Por el balcón, con su persiana levantada, me llegaba la primera luz del alba, y con ella el aviso de que pronto las enfermeras irrumpirían con sus aparatos en la habitación dormida, anunciando un nuevo día en que seguir luchando por recuperar la salud deteriorada. Entonces, mientras mi madre dormitaba más tranquila con su medicación recién puesta, me gustaba mirar hacia fuera, hacia la vida que se agitaba en la calle. (Tuvimos la gran suerte de que nos asignaran un cuarto que da al sur, así que el sol nacía por un extremo y se ponía por el otro, siempre acariciando las sábanas blancas y limpias como lienzos). No sé porqué desconocida razón me emocionaba la aurora, con los rayos del sol deshaciendo la bruma matutina tras los edificios de color pastel. Todo parecía recién puesto, como un regalo nuevo de la vida para los que estábamos en esa casa tan llena de melancolía y dolor. Y entonces surgía el bullicio de los portales: la cafetería abría sus puertas y pronto algunos madrugadores entraban a desayunar; la portera de la casa de enfrente barría una y otra vez la acera, tenazmente, como si su única misión en la vida fuera mantener esas cuantas baldosas libres de polvo y residuos. Se veía a niños de la mano de sus padres con la mochila colgada a la espalda dirigiéndose al colegio, y a otros mayores y solos, también con mochilas, quizá de camino al instituto o la Universidad. La tienda de juguetes aún no había abierto, y a esa hora temprana no había tráfico, ni ruido apenas; sólo el de las personas que se apresuraban a sus trabajos seguramente lejos de allí. Al fondo, calle abajo, se vislumbraba en una gran avenida el tráfago denso del latido de la ciudad.

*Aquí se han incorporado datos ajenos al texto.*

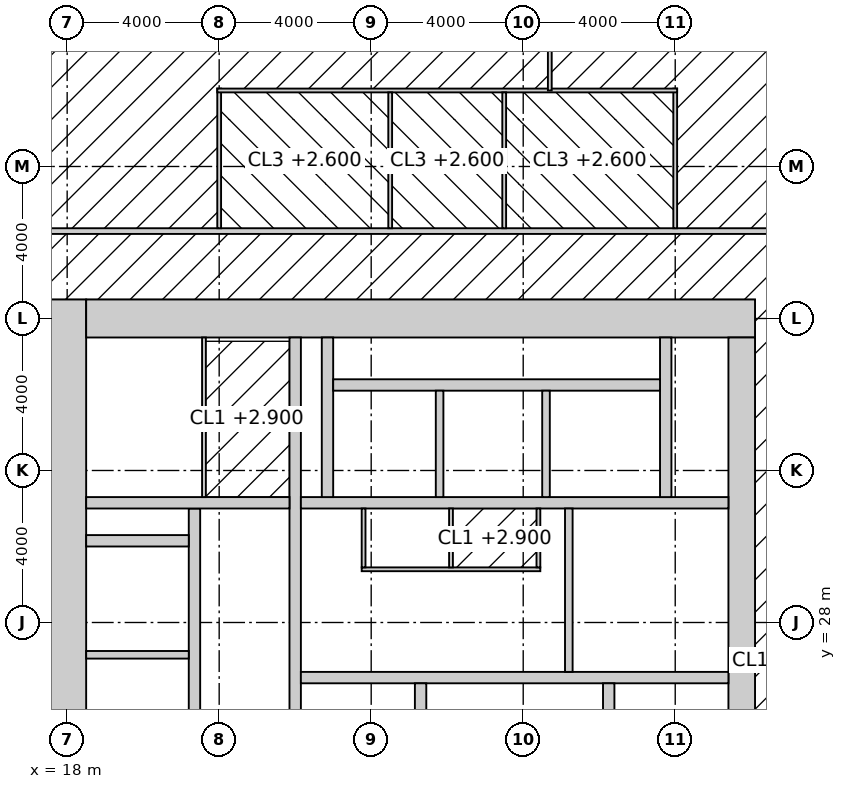
"""IFC4 building model, lengths in metres.
Left out: names, types, materials, properties, quantities, classifications, styles, units other than length and angle.
Written with IfcOpenShell. Run it as: python <this file> out.ifc"""

import sys

from ifc_helpers import new_model, si_unit, direction, frame, frame_2d, origin, place, context, subcontext, project, spatial, rectangle, extrude, element, fill, save


model = new_model("IFC4")
c1 = context("Model", 3, precision=1e-05, world=origin(), true_north=direction((0.0, 1.0)))
c2 = subcontext(c1, "Body", "Model", "MODEL_VIEW")
j1 = project(units=[si_unit("LENGTHUNIT", "METRE"), si_unit("PLANEANGLEUNIT", "RADIAN")], contexts=[c1])
p1 = place(None, origin())
s1 = spatial("IfcSite", under=j1, at=p1, CompositionType="ELEMENT")
p2 = place(p1, origin())
s2 = spatial("IfcBuilding", under=s1, at=p2, CompositionType="ELEMENT")
p3 = place(p2, frame((0.0, 0.0, 113.4)))
s3 = spatial("IfcBuildingStorey", under=s2, at=p3, CompositionType="ELEMENT", Elevation=113.4)
p4 = place(p3, frame((18.0, 17.5, -0.15), z_axis=(0.0, 0.0, 1.0), x_axis=(0.0, 1.0, 0.0)))
e1 = element("IfcWall", 1, at=p4, inside=s3, PredefinedType="SHEAR", context=c2, shape_type="SweptSolid", body=[
    extrude(rectangle(XDim=19.0, YDim=1.0, at=frame_2d((9.5, 0.0))), origin(), (0.0, 0.0, 1.0), 4.0),
])
p5 = place(p3, frame((18.5, 36.0, -0.15), z_axis=(0.0, 0.0, 1.0), x_axis=(1.0, 0.0, 0.0)))
e2 = element("IfcWall", 2, at=p5, inside=s3, PredefinedType="SHEAR", context=c2, shape_type="SweptSolid", body=[
    extrude(rectangle(XDim=17.6, YDim=1.0, at=frame_2d((8.8, 0.0))), origin(), (0.0, 0.0, 1.0), 4.0),
])
p6 = place(p3, frame((35.75, 18.5, -0.15), z_axis=(0.0, 0.0, 1.0), x_axis=(0.0, 1.0, 0.0)))
e3 = element("IfcWall", 3, at=p6, inside=s3, PredefinedType="SHEAR", context=c2, shape_type="SweptSolid", body=[
    extrude(rectangle(XDim=17.0, YDim=0.7, at=frame_2d((8.5, 0.0))), origin(), (0.0, 0.0, 1.0), 4.0),
])
p7 = place(p6, frame((9.85, 0.0, 0.15)))
e4 = element("IfcOpeningElement", 4, at=p7, cuts=e3, PredefinedType="OPENING", context=c2, shape_type="SweptSolid", body=[
    extrude(rectangle(XDim=1.0, YDim=2.2, at=frame_2d((0.5, 1.1))), frame((0.0, 0.36, 0.0), z_axis=(0.0, -1.0, 0.0), x_axis=(1.0, 0.0, 0.0)), (0.0, 0.0, 1.0), 0.72),
])
p8 = place(p3, frame((24.0, 18.5, -0.15), z_axis=(0.0, 0.0, 1.0), x_axis=(0.0, 1.0, 0.0)))
e5 = element("IfcWall", 5, at=p8, inside=s3, PredefinedType="SHEAR", context=c2, shape_type="SweptSolid", body=[
    extrude(rectangle(XDim=17.0, YDim=0.3, at=frame_2d((8.5, 0.0))), origin(), (0.0, 0.0, 1.0), 4.0),
])
p9 = place(p8, frame((9.6, 0.0, 0.15)))
e6 = element("IfcOpeningElement", 6, at=p9, cuts=e5, PredefinedType="OPENING", context=c2, shape_type="SweptSolid", body=[
    extrude(rectangle(XDim=1.5, YDim=2.4, at=frame_2d((0.75, 1.2))), frame((0.0, 0.16, 0.0), z_axis=(0.0, -1.0, 0.0), x_axis=(1.0, 0.0, 0.0)), (0.0, 0.0, 1.0), 0.32),
])
p10 = place(p3, frame((24.15, 26.55, -0.15), z_axis=(0.0, 0.0, 1.0), x_axis=(1.0, 0.0, 0.0)))
e7 = element("IfcWall", 7, at=p10, inside=s3, PredefinedType="SHEAR", context=c2, shape_type="SweptSolid", body=[
    extrude(rectangle(XDim=11.25, YDim=0.3, at=frame_2d((5.625, 0.0))), origin(), (0.0, 0.0, 1.0), 4.0),
])
p11 = place(p10, frame((9.25, 0.0, 0.15)))
e8 = element("IfcOpeningElement", 8, at=p11, cuts=e7, PredefinedType="OPENING", context=c2, shape_type="SweptSolid", body=[
    extrude(rectangle(XDim=1.0, YDim=2.2, at=frame_2d((0.5, 1.1))), frame((0.0, 0.16, 0.0), z_axis=(0.0, -1.0, 0.0), x_axis=(1.0, 0.0, 0.0)), (0.0, 0.0, 1.0), 0.32),
])
p12 = place(p10, frame((4.9, 0.0, 0.15)))
e9 = element("IfcOpeningElement", 9, at=p12, cuts=e7, PredefinedType="OPENING", context=c2, shape_type="SweptSolid", body=[
    extrude(rectangle(XDim=1.5, YDim=2.4, at=frame_2d((0.75, 1.2))), frame((0.0, 0.16, 0.0), z_axis=(0.0, -1.0, 0.0), x_axis=(1.0, 0.0, 0.0)), (0.0, 0.0, 1.0), 0.32),
])
p13 = place(p3, frame((27.3, 18.5, -0.15), z_axis=(0.0, 0.0, 1.0), x_axis=(0.0, 1.0, 0.0)))
e10 = element("IfcWall", 10, at=p13, inside=s3, PredefinedType="SHEAR", context=c2, shape_type="SweptSolid", body=[
    extrude(rectangle(XDim=7.9, YDim=0.3, at=frame_2d((3.95, 0.0))), origin(), (0.0, 0.0, 1.0), 4.0),
])
p14 = place(p13, frame((6.4, 0.0, 0.15)))
e11 = element("IfcOpeningElement", 11, at=p14, cuts=e10, PredefinedType="OPENING", context=c2, shape_type="SweptSolid", body=[
    extrude(rectangle(XDim=1.0, YDim=2.2, at=frame_2d((0.5, 1.1))), frame((0.0, 0.16, 0.0), z_axis=(0.0, -1.0, 0.0), x_axis=(1.0, 0.0, 0.0)), (0.0, 0.0, 1.0), 0.32),
])
p15 = place(p3, frame((32.25, 18.5, -0.15), z_axis=(0.0, 0.0, 1.0), x_axis=(0.0, 1.0, 0.0)))
e12 = element("IfcWall", 12, at=p15, inside=s3, PredefinedType="SHEAR", context=c2, shape_type="SweptSolid", body=[
    extrude(rectangle(XDim=7.9, YDim=0.3, at=frame_2d((3.95, 0.0))), origin(), (0.0, 0.0, 1.0), 4.0),
])
p16 = place(p3, frame((24.15, 31.15, -0.15), z_axis=(0.0, 0.0, 1.0), x_axis=(1.0, 0.0, 0.0)))
e13 = element("IfcWall", 13, at=p16, inside=s3, PredefinedType="SHEAR", context=c2, shape_type="SweptSolid", body=[
    extrude(rectangle(XDim=11.25, YDim=0.3, at=frame_2d((5.625, 0.0))), origin(), (0.0, 0.0, 1.0), 4.0),
])
p17 = place(p16, frame((7.25, 0.0, 0.15)))
e14 = element("IfcOpeningElement", 14, at=p17, cuts=e13, PredefinedType="OPENING", context=c2, shape_type="SweptSolid", body=[
    extrude(rectangle(XDim=1.4, YDim=2.4, at=frame_2d((0.7, 1.2))), frame((0.0, 0.16, 0.0), z_axis=(0.0, -1.0, 0.0), x_axis=(1.0, 0.0, 0.0)), (0.0, 0.0, 1.0), 0.32),
])
p18 = place(p3, frame((21.35, 18.5, -0.15), z_axis=(0.0, 0.0, 1.0), x_axis=(0.0, 1.0, 0.0)))
e15 = element("IfcWall", 15, at=p18, inside=s3, PredefinedType="SHEAR", context=c2, shape_type="SweptSolid", body=[
    extrude(rectangle(XDim=12.5, YDim=0.3, at=frame_2d((6.25, 0.0))), origin(), (0.0, 0.0, 1.0), 4.0),
])
p19 = place(p18, frame((0.875, 0.0, 0.15)))
e16 = element("IfcOpeningElement", 16, at=p19, cuts=e15, PredefinedType="OPENING", context=c2, shape_type="SweptSolid", body=[
    extrude(rectangle(XDim=1.1, YDim=2.2, at=frame_2d((0.55, 1.1))), frame((0.0, 0.16, 0.0), z_axis=(0.0, -1.0, 0.0), x_axis=(1.0, 0.0, 0.0)), (0.0, 0.0, 1.0), 0.32),
])
p20 = place(p18, frame((3.825, 0.0, 0.15)))
e17 = element("IfcOpeningElement", 17, at=p20, cuts=e15, PredefinedType="OPENING", context=c2, shape_type="SweptSolid", body=[
    extrude(rectangle(XDim=1.1, YDim=2.2, at=frame_2d((0.55, 1.1))), frame((0.0, 0.16, 0.0), z_axis=(0.0, -1.0, 0.0), x_axis=(1.0, 0.0, 0.0)), (0.0, 0.0, 1.0), 0.32),
])
p21 = place(p18, frame((6.675, 0.0, 0.15)))
e18 = element("IfcOpeningElement", 18, at=p21, cuts=e15, PredefinedType="OPENING", context=c2, shape_type="SweptSolid", body=[
    extrude(rectangle(XDim=1.1, YDim=2.2, at=frame_2d((0.55, 1.1))), frame((0.0, 0.16, 0.0), z_axis=(0.0, -1.0, 0.0), x_axis=(1.0, 0.0, 0.0)), (0.0, 0.0, 1.0), 0.32),
])
p22 = place(p18, frame((9.575, 0.0, 0.15)))
e19 = element("IfcOpeningElement", 19, at=p22, cuts=e15, PredefinedType="OPENING", context=c2, shape_type="SweptSolid", body=[
    extrude(rectangle(XDim=1.1, YDim=2.2, at=frame_2d((0.55, 1.1))), frame((0.0, 0.16, 0.0), z_axis=(0.0, -1.0, 0.0), x_axis=(1.0, 0.0, 0.0)), (0.0, 0.0, 1.0), 0.32),
])
p23 = place(p3, frame((18.5, 31.15, -0.15), z_axis=(0.0, 0.0, 1.0), x_axis=(1.0, 0.0, 0.0)))
e20 = element("IfcWall", 20, at=p23, inside=s3, PredefinedType="SHEAR", context=c2, shape_type="SweptSolid", body=[
    extrude(rectangle(XDim=5.35, YDim=0.3, at=frame_2d((2.675, 0.0))), origin(), (0.0, 0.0, 1.0), 4.0),
])
p24 = place(p23, frame((3.4, 0.0, 0.15)))
e21 = element("IfcOpeningElement", 21, at=p24, cuts=e20, PredefinedType="OPENING", context=c2, shape_type="SweptSolid", body=[
    extrude(rectangle(XDim=1.0, YDim=2.2, at=frame_2d((0.5, 1.1))), frame((0.0, 0.16, 0.0), z_axis=(0.0, -1.0, 0.0), x_axis=(1.0, 0.0, 0.0)), (0.0, 0.0, 1.0), 0.32),
])
p25 = place(p3, frame((18.5, 30.15, -0.15), z_axis=(0.0, 0.0, 1.0), x_axis=(1.0, 0.0, 0.0)))
e22 = element("IfcWall", 22, at=p25, inside=s3, PredefinedType="SHEAR", context=c2, shape_type="SweptSolid", body=[
    extrude(rectangle(XDim=2.7, YDim=0.3, at=frame_2d((1.35, 0.0))), origin(), (0.0, 0.0, 1.0), 4.0),
])
for number, where, z_axis, x_axis in (
    (23, (24.85, 31.3, -0.15), (0.0, 0.0, 1.0), (0.0, 1.0, 0.0)),
    (24, (33.75, 31.3, -0.15), (0.0, 0.0, 1.0), (0.0, 1.0, 0.0)),
):
    element("IfcWall", number, at=place(p3, frame(where, z_axis=z_axis, x_axis=x_axis)), inside=s3, PredefinedType="SHEAR", context=c2, shape_type="SweptSolid", body=[
        extrude(rectangle(XDim=4.2, YDim=0.3, at=frame_2d((2.1, 0.0))), origin(), (0.0, 0.0, 1.0), 4.0),
    ])
p26 = place(p3, frame((25.0, 34.25, -0.15), z_axis=(0.0, 0.0, 1.0), x_axis=(1.0, 0.0, 0.0)))
e25 = element("IfcWall", 25, at=p26, inside=s3, PredefinedType="SHEAR", context=c2, shape_type="SweptSolid", body=[
    extrude(rectangle(XDim=8.6, YDim=0.3, at=frame_2d((4.3, 0.0))), origin(), (0.0, 0.0, 1.0), 4.0),
])
for number, where, z_axis, x_axis in (
    (26, (27.8, 31.3, -0.15), (0.0, 0.0, 1.0), (0.0, 1.0, 0.0)),
    (27, (30.6, 31.3, -0.15), (0.0, 0.0, 1.0), (0.0, 1.0, 0.0)),
):
    element("IfcWall", number, at=place(p3, frame(where, z_axis=z_axis, x_axis=x_axis)), inside=s3, PredefinedType="SOLIDWALL", context=c2, shape_type="SweptSolid", body=[
        extrude(rectangle(XDim=2.8, YDim=0.2, at=frame_2d((1.4, 0.0))), origin(), (0.0, 0.0, 1.0), 4.0),
    ])
p27 = place(p3, frame((18.5, 27.15, -0.15), z_axis=(0.0, 0.0, 1.0), x_axis=(1.0, 0.0, 0.0)))
e28 = element("IfcWall", 28, at=p27, inside=s3, PredefinedType="SOLIDWALL", context=c2, shape_type="SweptSolid", body=[
    extrude(rectangle(XDim=2.7, YDim=0.2, at=frame_2d((1.35, 0.0))), origin(), (0.0, 0.0, 1.0), 4.0),
])
p28 = place(p3, frame((31.2, 26.7, 0.0), z_axis=(0.0, 0.0, 1.0), x_axis=(0.0, 1.0, 0.0)))
e29 = element("IfcWall", 29, at=p28, inside=s3, PredefinedType="SOLIDWALL", context=c2, shape_type="SweptSolid", body=[
    extrude(rectangle(XDim=4.3, YDim=0.2, at=frame_2d((2.15, 0.0))), origin(), (0.0, 0.0, 1.0), 3.85),
])
p29 = place(p3, frame((21.6, 31.3, 0.0), z_axis=(0.0, 0.0, 1.0), x_axis=(0.0, 1.0, 0.0)))
e30 = element("IfcWall", 30, at=p29, inside=s3, PredefinedType="PARTITIONING", context=c2, shape_type="SweptSolid", body=[
    extrude(rectangle(XDim=4.2, YDim=0.1, at=frame_2d((2.1, 0.0))), origin(), (0.0, 0.0, 1.0), 3.85),
])
p30 = place(p29, frame((1.55, 0.0, 0.0)))
e31 = element("IfcOpeningElement", 31, at=p30, cuts=e30, PredefinedType="OPENING", context=c2, shape_type="SweptSolid", body=[
    extrude(rectangle(XDim=1.0, YDim=2.2, at=frame_2d((0.5, 1.1))), frame((0.0, 0.06, 0.0), z_axis=(0.0, -1.0, 0.0), x_axis=(1.0, 0.0, 0.0)), (0.0, 0.0, 1.0), 0.12),
])
p31 = place(p3, frame((25.75, 29.4, 0.0), z_axis=(0.0, 0.0, 1.0), x_axis=(1.0, 0.0, 0.0)))
e32 = element("IfcWall", 32, at=p31, inside=s3, PredefinedType="PARTITIONING", context=c2, shape_type="SweptSolid", body=[
    extrude(rectangle(XDim=4.7, YDim=0.1, at=frame_2d((2.35, 0.0))), origin(), (0.0, 0.0, 1.0), 3.85),
])
p32 = place(p31, frame((0.7, 0.0, 0.0)))
e33 = element("IfcOpeningElement", 33, at=p32, cuts=e32, PredefinedType="OPENING", context=c2, shape_type="SweptSolid", body=[
    extrude(rectangle(XDim=1.0, YDim=2.2, at=frame_2d((0.5, 1.1))), frame((0.0, 0.06, 0.0), z_axis=(0.0, -1.0, 0.0), x_axis=(1.0, 0.0, 0.0)), (0.0, 0.0, 1.0), 0.12),
])
p33 = place(p31, frame((3.0, 0.0, 0.0)))
e34 = element("IfcOpeningElement", 34, at=p33, cuts=e32, PredefinedType="OPENING", context=c2, shape_type="SweptSolid", body=[
    extrude(rectangle(XDim=1.0, YDim=2.2, at=frame_2d((0.5, 1.1))), frame((0.0, 0.06, 0.0), z_axis=(0.0, -1.0, 0.0), x_axis=(1.0, 0.0, 0.0)), (0.0, 0.0, 1.0), 0.12),
])
for number, where, z_axis, x_axis in (
    (35, (25.8, 29.45, 0.0), (0.0, 0.0, 1.0), (0.0, 1.0, 0.0)),
    (36, (30.4, 29.45, 0.0), (0.0, 0.0, 1.0), (0.0, 1.0, 0.0)),
    (37, (28.1, 29.45, 0.0), (0.0, 0.0, 1.0), (0.0, 1.0, 0.0)),
):
    element("IfcWall", number, at=place(p3, frame(where, z_axis=z_axis, x_axis=x_axis)), inside=s3, PredefinedType="PARTITIONING", context=c2, shape_type="SweptSolid", body=[
        extrude(rectangle(XDim=1.55, YDim=0.1, at=frame_2d((0.775, 0.0))), origin(), (0.0, 0.0, 1.0), 3.85),
    ])
p34 = place(p3, frame((17.5, 38.3, 0.0), z_axis=(0.0, 0.0, 1.0), x_axis=(1.0, 0.0, 0.0)))
e38 = element("IfcWall", 38, at=p34, inside=s3, PredefinedType="PARTITIONING", context=c2, shape_type="SweptSolid", body=[
    extrude(rectangle(XDim=20.325, YDim=0.15, at=frame_2d((10.163, 0.0))), origin(), (0.0, 0.0, 1.0), 3.85),
])
p35 = place(p34, frame((6.25, 0.0, 0.0)))
e39 = element("IfcOpeningElement", 39, at=p35, cuts=e38, PredefinedType="OPENING", context=c2, shape_type="SweptSolid", body=[
    extrude(rectangle(XDim=0.9, YDim=2.1, at=frame_2d((0.45, 1.05))), frame((0.0, 0.085, 0.0), z_axis=(0.0, -1.0, 0.0), x_axis=(1.0, 0.0, 0.0)), (0.0, 0.0, 1.0), 0.17),
])
p36 = place(p34, frame((10.0, 0.0, 0.0)))
e40 = element("IfcOpeningElement", 40, at=p36, cuts=e38, PredefinedType="OPENING", context=c2, shape_type="SweptSolid", body=[
    extrude(rectangle(XDim=1.0, YDim=2.1, at=frame_2d((0.5, 1.05))), frame((0.0, 0.085, 0.0), z_axis=(0.0, -1.0, 0.0), x_axis=(1.0, 0.0, 0.0)), (0.0, 0.0, 1.0), 0.17),
])
p37 = place(p34, frame((13.85, 0.0, 0.0)))
e41 = element("IfcOpeningElement", 41, at=p37, cuts=e38, PredefinedType="OPENING", context=c2, shape_type="SweptSolid", body=[
    extrude(rectangle(XDim=0.9, YDim=2.1, at=frame_2d((0.45, 1.05))), frame((0.0, 0.085, 0.0), z_axis=(0.0, -1.0, 0.0), x_axis=(1.0, 0.0, 0.0)), (0.0, 0.0, 1.0), 0.17),
])
for number, where, z_axis, x_axis in (
    (42, (22.0, 38.375, 0.0), (0.0, 0.0, 1.0), (0.0, 1.0, 0.0)),
    (43, (34.0, 38.375, 0.0), (0.0, 0.0, 1.0), (0.0, 1.0, 0.0)),
):
    element("IfcWall", number, at=place(p3, frame(where, z_axis=z_axis, x_axis=x_axis)), inside=s3, PredefinedType="PARTITIONING", context=c2, shape_type="SweptSolid", body=[
        extrude(rectangle(XDim=3.675, YDim=0.1, at=frame_2d((1.837, 0.0))), origin(), (0.0, 0.0, 1.0), 2.95),
    ])
p38 = place(p3, frame((21.95, 42.0, 0.0), z_axis=(0.0, 0.0, 1.0), x_axis=(1.0, 0.0, 0.0)))
e44 = element("IfcWall", 44, at=p38, inside=s3, PredefinedType="PARTITIONING", context=c2, shape_type="SweptSolid", body=[
    extrude(rectangle(XDim=12.1, YDim=0.1, at=frame_2d((6.05, 0.0))), origin(), (0.0, 0.0, 1.0), 3.85),
])
for number, where, z_axis, x_axis in (
    (45, (26.5, 38.375, 0.0), (0.0, 0.0, 1.0), (0.0, 1.0, 0.0)),
    (46, (29.5, 38.375, 0.0), (0.0, 0.0, 1.0), (0.0, 1.0, 0.0)),
):
    element("IfcWall", number, at=place(p3, frame(where, z_axis=z_axis, x_axis=x_axis)), inside=s3, PredefinedType="PARTITIONING", context=c2, shape_type="SweptSolid", body=[
        extrude(rectangle(XDim=3.575, YDim=0.1, at=frame_2d((1.788, 0.0))), origin(), (0.0, 0.0, 1.0), 3.85),
    ])
p39 = place(p3, frame((30.7, 42.0, 0.0), z_axis=(0.0, 0.0, 1.0), x_axis=(0.0, 1.0, 0.0)))
e47 = element("IfcWall", 47, at=p39, inside=s3, PredefinedType="PARTITIONING", context=c2, shape_type="SweptSolid", body=[
    extrude(rectangle(XDim=9.7, YDim=0.1, at=frame_2d((4.85, 0.0))), origin(), (0.0, 0.0, 1.0), 3.85),
])
p40 = place(p39, frame((4.35, 0.0, 0.0)))
e48 = element("IfcOpeningElement", 48, at=p40, cuts=e47, PredefinedType="OPENING", context=c2, shape_type="SweptSolid", body=[
    extrude(rectangle(XDim=1.0, YDim=2.2, at=frame_2d((0.5, 1.1))), frame((0.0, 0.06, 0.0), z_axis=(0.0, -1.0, 0.0), x_axis=(1.0, 0.0, 0.0)), (0.0, 0.0, 1.0), 0.12),
])
p41 = place(p14, origin())
e49 = element("IfcDoor", 49, at=p41, inside=s3, OperationType="SINGLE_SWING_RIGHT", PredefinedType="DOOR", context=c2, shape_type="SweptSolid", body=[
    extrude(rectangle(XDim=1.0, YDim=2.2, at=frame_2d((0.5, 1.1))), frame((0.0, 0.025, 0.0), z_axis=(0.0, -1.0, 0.0), x_axis=(1.0, 0.0, 0.0)), (0.0, 0.0, 1.0), 0.05),
])
fill(e11, e49)
p42 = place(p11, frame((1.0, 0.0, 0.0), z_axis=(0.0, 0.0, 1.0), x_axis=(-1.0, 0.0, 0.0)))
e50 = element("IfcDoor", 50, at=p42, inside=s3, OperationType="SINGLE_SWING_RIGHT", PredefinedType="DOOR", context=c2, shape_type="SweptSolid", body=[
    extrude(rectangle(XDim=1.0, YDim=2.2, at=frame_2d((0.5, 1.1))), frame((0.0, 0.025, 0.0), z_axis=(0.0, -1.0, 0.0), x_axis=(1.0, 0.0, 0.0)), (0.0, 0.0, 1.0), 0.05),
])
fill(e8, e50)
p43 = place(p7, origin())
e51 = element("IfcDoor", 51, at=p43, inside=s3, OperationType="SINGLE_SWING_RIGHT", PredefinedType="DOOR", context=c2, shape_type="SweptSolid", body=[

En este breve espacio de calle que nos pertenecía por un tiempo limitado a los huéspedes de la habitación de Hospital había muchas cosas, como ya he enumerado; pero había algo más, algo inusual por lo escaso en estos tiempos: un campanario que a cada rato nos avisaba de la hora. Hay personas a las que les incomoda y pone nerviosas el oir los compases de un reloj. Pues aquí se habrían descompuesto, porque este campanario, que pertenece a una iglesia que forma parte del propio complejo hospitalario, da los cuartos, la media, los tres cuartos y la hora, y luego una por una las campanadas que correspondan. Pero además, al mediodía, celebra el ángelus con un repique jubiloso y lleno de orgullo. Para alguien podría haber sido molesto tanto tintineo; para mí era una delicia el alegre sonido de las horas transcurridas.
Afortunadamente no he podido disfrutar de la cotidianeidad de esa calle durante mucho tiempo; nos íbamos turnando para descansar (qué dulce es la rutina que de costumbre tanto nos pesa cuando podemos volver a ella haciendo un paréntesis dentro de la subversión que supone en nuestra vida un acontecimiento repentino y amargo como es la enfermedad), y además pronto volvimos a casa. Pero me llevo en el recuerdo algo hermoso, y quiero verlo así: hasta en las situaciones más tristes hay siempre algún detalle que nos toca el alma, que nos consuela el espíritu, como esos cristales relucientes bajo los recién nacidos rayos del sol.